Dec. 30, 1961 Pres. Elect Diosdado Macapagal assume office by noon

Dec. 31, 1961 Pres. Macapagal issued Admin Order No. 2, recalling,
withdrawing and cancelling all ad interim appointment made by Pres. Garcia
after Dec. 13, 1961 (date when Macapagal was proclaimed elected by
Congress). There were a total of 350, midnight or last minute appointment
made by Pres. Garcia.

Jan. 1, 1962 - Pres. Macapagal appointed Andres V. Castillo as ad interim


Governor of the Central Bank

Jan. 2, 1962 Both Castillo and Aytona exercised the power of their office
which developed to unpleasantness in the premises of the Central Bank and
Aytona thereafter was definitely prevented from holding office.

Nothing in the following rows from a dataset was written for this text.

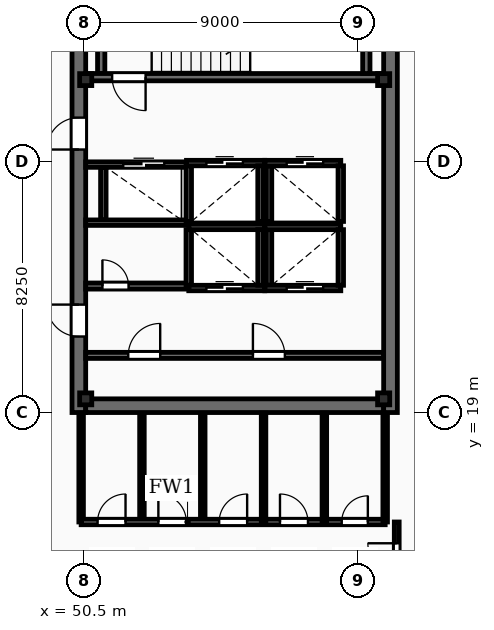
"""IFC4 building model, lengths in metres.
Left out: names, types, materials, properties, quantities, classifications, styles, units other than length and angle.
Written with IfcOpenShell. Run it as: python <this file> out.ifc"""

import sys

from ifc_helpers import new_model, si_unit, direction, frame, frame_2d, origin, origin_2d, place, context, subcontext, project, spatial, rectangle, i_section, extrude, element, fill, save


model = new_model("IFC4")
c1 = context("Model", 3, precision=1e-05, world=origin(), true_north=direction((0.0, 1.0)))
c2 = subcontext(c1, "Body", "Model", "MODEL_VIEW")
j1 = project(units=[si_unit("LENGTHUNIT", "METRE"), si_unit("PLANEANGLEUNIT", "RADIAN")], contexts=[c1])
p1 = place(None, origin())
s1 = spatial("IfcSite", under=j1, at=p1, CompositionType="ELEMENT")
p2 = place(p1, origin())
s2 = spatial("IfcBuilding", under=s1, at=p2, CompositionType="ELEMENT")
p3 = place(p2, frame((0.0, 0.0, 232.2)))
s3 = spatial("IfcBuildingStorey", under=s2, at=p3, CompositionType="ELEMENT", Elevation=232.2)
p4 = place(p3, frame((50.325, 19.0, -0.27), z_axis=(0.0, 0.0, 1.0), x_axis=(0.0, 1.0, 0.0)))
e1 = element("IfcWall", 1, at=p4, inside=s3, PredefinedType="SHEAR", context=c2, shape_type="SweptSolid", body=[
    extrude(rectangle(XDim=20.8, YDim=0.45, at=frame_2d((10.4, 0.0))), origin(), (0.0, 0.0, 1.0), 3.75),
])
p5 = place(p4, frame((2.5, 0.0, 0.27)))
e2 = element("IfcOpeningElement", 2, at=p5, cuts=e1, PredefinedType="OPENING", context=c2, shape_type="SweptSolid", body=[
    extrude(rectangle(XDim=1.05, YDim=2.15, at=frame_2d((0.525, 1.075))), frame((0.0, 0.235, 0.0), z_axis=(0.0, -1.0, 0.0), x_axis=(1.0, 0.0, 0.0)), (0.0, 0.0, 1.0), 0.47),
])
p6 = place(p4, frame((8.65, 0.0, 0.27)))
e3 = element("IfcOpeningElement", 3, at=p6, cuts=e1, PredefinedType="OPENING", context=c2, shape_type="SweptSolid", body=[
    extrude(rectangle(XDim=1.05, YDim=2.15, at=frame_2d((0.525, 1.075))), frame((0.0, 0.235, 0.0), z_axis=(0.0, -1.0, 0.0), x_axis=(1.0, 0.0, 0.0)), (0.0, 0.0, 1.0), 0.47),
])
p7 = place(p4, frame((14.62, 0.0, 0.27)))
e4 = element("IfcOpeningElement", 4, at=p7, cuts=e1, PredefinedType="OPENING", context=c2, shape_type="SweptSolid", body=[
    extrude(rectangle(XDim=1.1, YDim=2.15, at=frame_2d((0.55, 1.075))), frame((0.0, 0.235, 0.0), z_axis=(0.0, -1.0, 0.0), x_axis=(1.0, 0.0, 0.0)), (0.0, 0.0, 1.0), 0.47),
])
p8 = place(p3, frame((60.575, 19.0, -0.27), z_axis=(0.0, 0.0, 1.0), x_axis=(0.0, 1.0, 0.0)))
e5 = element("IfcWall", 5, at=p8, inside=s3, PredefinedType="SHEAR", context=c2, shape_type="SweptSolid", body=[
    extrude(rectangle(XDim=20.8, YDim=0.45, at=frame_2d((10.4, 0.0))), origin(), (0.0, 0.0, 1.0), 3.75),
])
p9 = place(p3, frame((50.55, 19.225, -0.27), z_axis=(0.0, 0.0, 1.0), x_axis=(1.0, 0.0, 0.0)))
e6 = element("IfcWall", 6, at=p9, inside=s3, PredefinedType="SHEAR", context=c2, shape_type="SweptSolid", body=[
    extrude(rectangle(XDim=9.8, YDim=0.45, at=frame_2d((4.9, 0.0))), origin(), (0.0, 0.0, 1.0), 3.75),
])
for number, where, z_axis, x_axis in (
    (7, (50.55, 19.45, -0.27), (0.0, 0.0, 1.0), (1.0, 0.0, 0.0)),
    (8, (60.35, 19.45, -0.27), (0.0, 0.0, 1.0), (1.0, 0.0, 0.0)),
    (9, (50.55, 29.95, -0.27), (0.0, 0.0, 1.0), (1.0, 0.0, 0.0)),
    (10, (60.35, 29.95, -0.27), (0.0, 0.0, 1.0), (1.0, 0.0, 0.0)),
):
    element("IfcColumn", number, at=place(p3, frame(where, z_axis=z_axis, x_axis=x_axis)), inside=s3, PredefinedType="COLUMN", context=c2, shape_type="SweptSolid", body=[
        extrude(i_section(OverallWidth=0.399, OverallDepth=0.393, WebThickness=0.023, FlangeThickness=0.037, FilletRadius=0.02, at=origin_2d()), origin(), (0.0, 0.0, 1.0), 3.75),
    ])
p10 = place(p3, frame((60.35, 30.03, 0.0), z_axis=(0.0, 0.0, 1.0), x_axis=(-1.0, 0.0, 0.0)))
e11 = element("IfcWall", 11, at=p10, inside=s3, PredefinedType="SOLIDWALL", context=c2, shape_type="SweptSolid", body=[
    extrude(rectangle(XDim=9.8, YDim=0.24, at=frame_2d((4.9, 0.0))), origin(), (0.0, 0.0, 1.0), 3.48),
])
p11 = place(p10, frame((7.83, 0.0, 0.0)))
e12 = element("IfcOpeningElement", 12, at=p11, cuts=e11, PredefinedType="OPENING", context=c2, shape_type="SweptSolid", body=[
    extrude(rectangle(XDim=1.1, YDim=2.15, at=frame_2d((0.55, 1.075))), frame((0.0, 0.13, 0.0), z_axis=(0.0, -1.0, 0.0), x_axis=(1.0, 0.0, 0.0)), (0.0, 0.0, 1.0), 0.26),
])
for number, where, z_axis, x_axis in (
    (13, (51.06, 30.15, 0.0), (0.0, 0.0, 1.0), (0.0, 1.0, 0.0)),
    (14, (59.78, 30.15, 0.0), (0.0, 0.0, 1.0), (0.0, 1.0, 0.0)),
):
    element("IfcWall", number, at=place(p3, frame(where, z_axis=z_axis, x_axis=x_axis)), inside=s3, PredefinedType="SOLIDWALL", context=c2, shape_type="SweptSolid", body=[
        extrude(rectangle(XDim=3.23, YDim=0.24, at=frame_2d((1.615, 0.0))), origin(), (0.0, 0.0, 1.0), 3.48),
    ])
p12 = place(p3, frame((53.94, 25.105, 0.0), z_axis=(0.0, 0.0, 1.0), x_axis=(1.0, 0.0, 0.0)))
e15 = element("IfcWall", 15, at=p12, inside=s3, PredefinedType="SOLIDWALL", context=c2, shape_type="SweptSolid", body=[
    extrude(rectangle(XDim=2.5, YDim=0.18, at=frame_2d((1.25, 0.0))), origin(), (0.0, 0.0, 1.0), 3.48),
])
p13 = place(p3, frame((53.94, 23.095, 0.0), z_axis=(0.0, 0.0, 1.0), x_axis=(1.0, 0.0, 0.0)))
e16 = element("IfcWall", 16, at=p13, inside=s3, PredefinedType="SOLIDWALL", context=c2, shape_type="SweptSolid", body=[
    extrude(rectangle(XDim=2.5, YDim=0.18, at=frame_2d((1.25, 0.0))), origin(), (0.0, 0.0, 1.0), 3.48),
])
p14 = place(p13, frame((0.58, 0.0, 0.0)))
e17 = element("IfcOpeningElement", 17, at=p14, cuts=e16, PredefinedType="OPENING", context=c2, shape_type="SweptSolid", body=[
    extrude(rectangle(XDim=1.2, YDim=2.2, at=frame_2d((0.6, 1.1))), frame((0.0, 0.1, 0.0), z_axis=(0.0, -1.0, 0.0), x_axis=(1.0, 0.0, 0.0)), (0.0, 0.0, 1.0), 0.2),
])
for number, where, z_axis, x_axis in (
    (18, (53.94, 23.185, 0.0), (0.0, 0.0, 1.0), (0.0, 1.0, 0.0)),
    (19, (56.3, 23.185, 0.0), (0.0, 0.0, 1.0), (0.0, 1.0, 0.0)),
):
    element("IfcWall", number, at=place(p3, frame(where, z_axis=z_axis, x_axis=x_axis)), inside=s3, PredefinedType="SOLIDWALL", context=c2, shape_type="SweptSolid", body=[
        extrude(rectangle(XDim=1.83, YDim=0.18, at=frame_2d((0.915, 0.0))), origin(), (0.0, 0.0, 1.0), 3.48),
    ])
p15 = place(p3, frame((56.44, 25.105, 0.0), z_axis=(0.0, 0.0, 1.0), x_axis=(1.0, 0.0, 0.0)))
e20 = element("IfcWall", 20, at=p15, inside=s3, PredefinedType="SOLIDWALL", context=c2, shape_type="SweptSolid", body=[
    extrude(rectangle(XDim=2.5, YDim=0.18, at=frame_2d((1.25, 0.0))), origin(), (0.0, 0.0, 1.0), 3.48),
])
p16 = place(p3, frame((56.44, 23.095, 0.0), z_axis=(0.0, 0.0, 1.0), x_axis=(1.0, 0.0, 0.0)))
e21 = element("IfcWall", 21, at=p16, inside=s3, PredefinedType="SOLIDWALL", context=c2, shape_type="SweptSolid", body=[
    extrude(rectangle(XDim=2.5, YDim=0.18, at=frame_2d((1.25, 0.0))), origin(), (0.0, 0.0, 1.0), 3.48),
])
p17 = place(p16, frame((0.72, 0.0, 0.0)))
e22 = element("IfcOpeningElement", 22, at=p17, cuts=e21, PredefinedType="OPENING", context=c2, shape_type="SweptSolid", body=[
    extrude(rectangle(XDim=1.2, YDim=2.2, at=frame_2d((0.6, 1.1))), frame((0.0, 0.1, 0.0), z_axis=(0.0, -1.0, 0.0), x_axis=(1.0, 0.0, 0.0)), (0.0, 0.0, 1.0), 0.2),
])
for number, where, z_axis, x_axis in (
    (23, (56.58, 23.185, 0.0), (0.0, 0.0, 1.0), (0.0, 1.0, 0.0)),
    (24, (58.94, 23.185, 0.0), (0.0, 0.0, 1.0), (0.0, 1.0, 0.0)),
):
    element("IfcWall", number, at=place(p3, frame(where, z_axis=z_axis, x_axis=x_axis)), inside=s3, PredefinedType="SOLIDWALL", context=c2, shape_type="SweptSolid", body=[
        extrude(rectangle(XDim=1.83, YDim=0.18, at=frame_2d((0.915, 0.0))), origin(), (0.0, 0.0, 1.0), 3.48),
    ])
p18 = place(p3, frame((53.865, 27.205, 0.0), z_axis=(0.0, 0.0, 1.0), x_axis=(1.0, 0.0, 0.0)))
e25 = element("IfcWall", 25, at=p18, inside=s3, PredefinedType="SOLIDWALL", context=c2, shape_type="SweptSolid", body=[
    extrude(rectangle(XDim=2.575, YDim=0.18, at=frame_2d((1.288, 0.0))), origin(), (0.0, 0.0, 1.0), 3.48),
])
p19 = place(p18, frame((0.655, 0.0, 0.0)))
e26 = element("IfcOpeningElement", 26, at=p19, cuts=e25, PredefinedType="OPENING", context=c2, shape_type="SweptSolid", body=[
    extrude(rectangle(XDim=1.2, YDim=2.2, at=frame_2d((0.6, 1.1))), frame((0.0, 0.1, 0.0), z_axis=(0.0, -1.0, 0.0), x_axis=(1.0, 0.0, 0.0)), (0.0, 0.0, 1.0), 0.2),
])
for number, where, z_axis, x_axis in (
    (27, (53.94, 25.285, 0.0), (0.0, 0.0, 1.0), (0.0, 1.0, 0.0)),
    (28, (56.3, 25.285, 0.0), (0.0, 0.0, 1.0), (0.0, 1.0, 0.0)),
):
    element("IfcWall", number, at=place(p3, frame(where, z_axis=z_axis, x_axis=x_axis)), inside=s3, PredefinedType="SOLIDWALL", context=c2, shape_type="SweptSolid", body=[
        extrude(rectangle(XDim=1.83, YDim=0.18, at=frame_2d((0.915, 0.0))), origin(), (0.0, 0.0, 1.0), 3.48),
    ])
p20 = place(p3, frame((56.44, 27.205, 0.0), z_axis=(0.0, 0.0, 1.0), x_axis=(1.0, 0.0, 0.0)))
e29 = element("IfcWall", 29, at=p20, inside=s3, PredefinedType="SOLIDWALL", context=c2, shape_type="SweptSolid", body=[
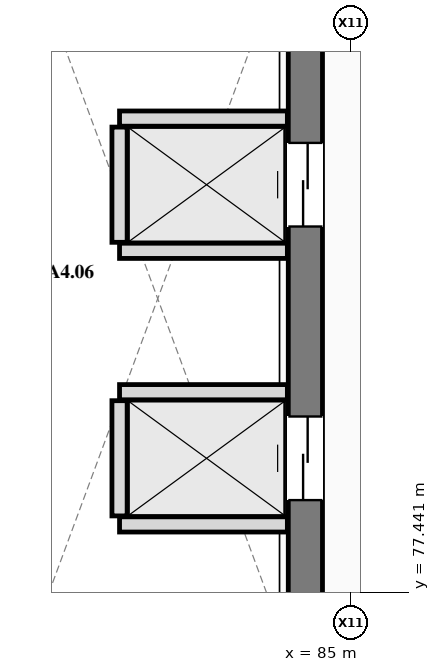
"""IFC4 building model, lengths in metres.
Left out: names, types, materials, properties, quantities, classifications, styles, units other than length and angle.
Written with IfcOpenShell. Run it as: python <this file> out.ifc"""

import sys

from ifc_helpers import new_model, si_unit, direction, frame, frame_2d, origin, place, context, subcontext, project, spatial, rectangle, extrude, element, fill, save


model = new_model("IFC4")
c1 = context("Model", 3, precision=1e-05, world=origin(), true_north=direction((0.0, 1.0)))
c2 = subcontext(c1, "Body", "Model", "MODEL_VIEW")
j1 = project(units=[si_unit("LENGTHUNIT", "METRE"), si_unit("PLANEANGLEUNIT", "RADIAN")], contexts=[c1])
p1 = place(None, origin())
s1 = spatial("IfcSite", under=j1, at=p1, CompositionType="ELEMENT")
p2 = place(p1, origin())
s2 = spatial("IfcBuilding", under=s1, at=p2, CompositionType="ELEMENT")
p3 = place(p2, frame((0.0, 0.0, 5.4)))
s3 = spatial("IfcBuildingStorey", under=s2, at=p3, CompositionType="ELEMENT", Elevation=5.4)
p4 = place(p3, frame((84.4, 76.625, 0.0), z_axis=(0.0, 0.0, 1.0), x_axis=(0.0, 1.0, 0.0)))
e1 = element("IfcWall", 1, at=p4, inside=s3, PredefinedType="SHEAR", context=c2, shape_type="SweptSolid", body=[
    extrude(rectangle(XDim=9.35, YDim=0.45, at=frame_2d((4.675, 0.0))), origin(), (0.0, 0.0, 1.0), 5.4),
])
p5 = place(p4, frame((2.025, 0.0, 0.0)))
e2 = element("IfcOpeningElement", 2, at=p5, cuts=e1, PredefinedType="OPENING", context=c2, shape_type="SweptSolid", body=[
    extrude(rectangle(XDim=1.1, YDim=2.2, at=frame_2d((0.55, 1.1))), frame((0.0, 0.235, 0.0), z_axis=(0.0, -1.0, 0.0), x_axis=(1.0, 0.0, 0.0)), (0.0, 0.0, 1.0), 0.47),
])
p6 = place(p4, frame((5.625, 0.0, 0.0)))
e3 = element("IfcOpeningElement", 3, at=p6, cuts=e1, PredefinedType="OPENING", context=c2, shape_type="SweptSolid", body=[
    extrude(rectangle(XDim=1.1, YDim=2.2, at=frame_2d((0.55, 1.1))), frame((0.0, 0.235, 0.0), z_axis=(0.0, -1.0, 0.0), x_axis=(1.0, 0.0, 0.0)), (0.0, 0.0, 1.0), 0.47),
])
for number, where, z_axis, x_axis in (
    (4, (81.955, 78.33, 0.0), (0.0, 0.0, 1.0), (1.0, 0.0, 0.0)),
    (5, (81.955, 80.07, 0.0), (0.0, 0.0, 1.0), (1.0, 0.0, 0.0)),
):
    element("IfcWall", number, at=place(p3, frame(where, z_axis=z_axis, x_axis=x_axis)), inside=s3, PredefinedType="PLUMBINGWALL", context=c2, shape_type="SweptSolid", body=[
        extrude(rectangle(XDim=2.208, YDim=0.2, at=frame_2d((1.104, 0.0))), origin(), (0.0, 0.0, 1.0), 5.095),
    ])
p7 = place(p3, frame((81.955, 78.442, 0.0), z_axis=(0.0, 0.0, 1.0), x_axis=(0.0, 1.0, 0.0)))
e6 = element("IfcWall", 6, at=p7, inside=s3, PredefinedType="PLUMBINGWALL", context=c2, shape_type="SweptSolid", body=[
    extrude(rectangle(XDim=1.516, YDim=0.2, at=frame_2d((0.758, 0.0))), origin(), (0.0, 0.0, 1.0), 5.095),
])
for number, where, z_axis, x_axis in (
    (7, (81.955, 81.93, 0.0), (0.0, 0.0, 1.0), (1.0, 0.0, 0.0)),
    (8, (81.955, 83.67, 0.0), (0.0, 0.0, 1.0), (1.0, 0.0, 0.0)),
):
    element("IfcWall", number, at=place(p3, frame(where, z_axis=z_axis, x_axis=x_axis)), inside=s3, PredefinedType="PLUMBINGWALL", context=c2, shape_type="SweptSolid", body=[
        extrude(rectangle(XDim=2.208, YDim=0.2, at=frame_2d((1.104, 0.0))), origin(), (0.0, 0.0, 1.0), 5.095),
    ])
p8 = place(p3, frame((81.955, 82.042, 0.0), z_axis=(0.0, 0.0, 1.0), x_axis=(0.0, 1.0, 0.0)))
e9 = element("IfcWall", 9, at=p8, inside=s3, PredefinedType="PLUMBINGWALL", context=c2, shape_type="SweptSolid", body=[
    extrude(rectangle(XDim=1.516, YDim=0.2, at=frame_2d((0.758, 0.0))), origin(), (0.0, 0.0, 1.0), 5.095),
])
p9 = place(p5, origin())
e10 = element("IfcDoor", 10, at=p9, inside=s3, OperationType="SLIDING_TO_LEFT", PredefinedType="DOOR", context=c2, shape_type="SweptSolid", body=[
    extrude(rectangle(XDim=1.1, YDim=2.2, at=frame_2d((0.55, 1.1))), frame((0.0, 0.025, 0.0), z_axis=(0.0, -1.0, 0.0), x_axis=(1.0, 0.0, 0.0)), (0.0, 0.0, 1.0), 0.05),
])
fill(e2, e10)
p10 = place(p6, origin())
e11 = element("IfcDoor", 11, at=p10, inside=s3, OperationType="SLIDING_TO_RIGHT", PredefinedType="DOOR", context=c2, shape_type="SweptSolid", body=[
    extrude(rectangle(XDim=1.1, YDim=2.2, at=frame_2d((0.55, 1.1))), frame((0.0, 0.025, 0.0), z_axis=(0.0, -1.0, 0.0), x_axis=(1.0, 0.0, 0.0)), (0.0, 0.0, 1.0), 0.05),
])
fill(e3, e11)
save(model, sys.argv[1])

Aytona then instituted a proceeding (quo warranto) challenging Castillos


right to exercise the powers as Governor of Central Bank and claimed he was
validly appointed and qualified for the post making the appointment of
Castillo void.

Castillos reply was that Aytonas appointment was revoked by Admin Order
No. 2 of Macapagal.

Issue:
WON the 350 midnight appointments of former Pres. Garcia were valid?

Held:
No. It is common sense to believe that after the proclamation of the election
of President Macapagal, his was no more than a "care-taker" administration.
He was duty bound to prepare for the orderly transfer of authority the
incoming President, and he should not do acts which he ought to know,
would embarrass or obstruct the policies of his successor. The filling up
vacancies in important positions, if few, and so spaced to afford some
assurance of deliberate action and careful consideration of the need for the
appointment and the appointee's qualifications may undoubtedly be
permitted. But the issuance of 350 appointments in one night and planned
induction of almost all of them a few hours before the inauguration of the
new President may, with some reason, be regarded by the latter as an abuse
Presidential prerogatives, the steps taken being apparently a mere partisan
effort to fill all vacant positions irrespective of fitness and other conditions,
and thereby deprive the new administration of an opportunity to make the
corresponding appointments.
An ad interim appointment is exercised by the president as hes special
prerogative and is bound to be prudent to insure approval of his selection
either previous consultation with the members of the Commission on
Appointments or by thereafter explaining to them the reason such selection.
It is expected that the President should exercise double care in extending
such appointments. In the case at bar, it is hard to believe that in signing
350 appointments in one night, President Garcia exercised double care; and
therefore, such appointments fall beyond the intent and spirit of the
constitutional provision granting the Executive authority to issue ad interim
appointments.

The denial of the power to revoke after the appointee has qualified is his
equitable right however that eequity is doubtful considering the rush
conditional appointments, hurried maneuvers and other happenings
detracting from that degree of good faith, morality and propriety which form
the basic foundation of claims to equitable relief. The appointees, it might be
argued, wittingly or unwittingly cooperated with the stratagem to beat the
deadline, whatever the resultant consequences to the dignity and efficiency
of the public service. Needless to say, there are instances wherein not
only strict legality, but also fairness, justice and righteousness
should be taken into account.

WHEREFORE, the Court exercising its judgment and discretion in the


matter, hereby dismiss the action, without costs.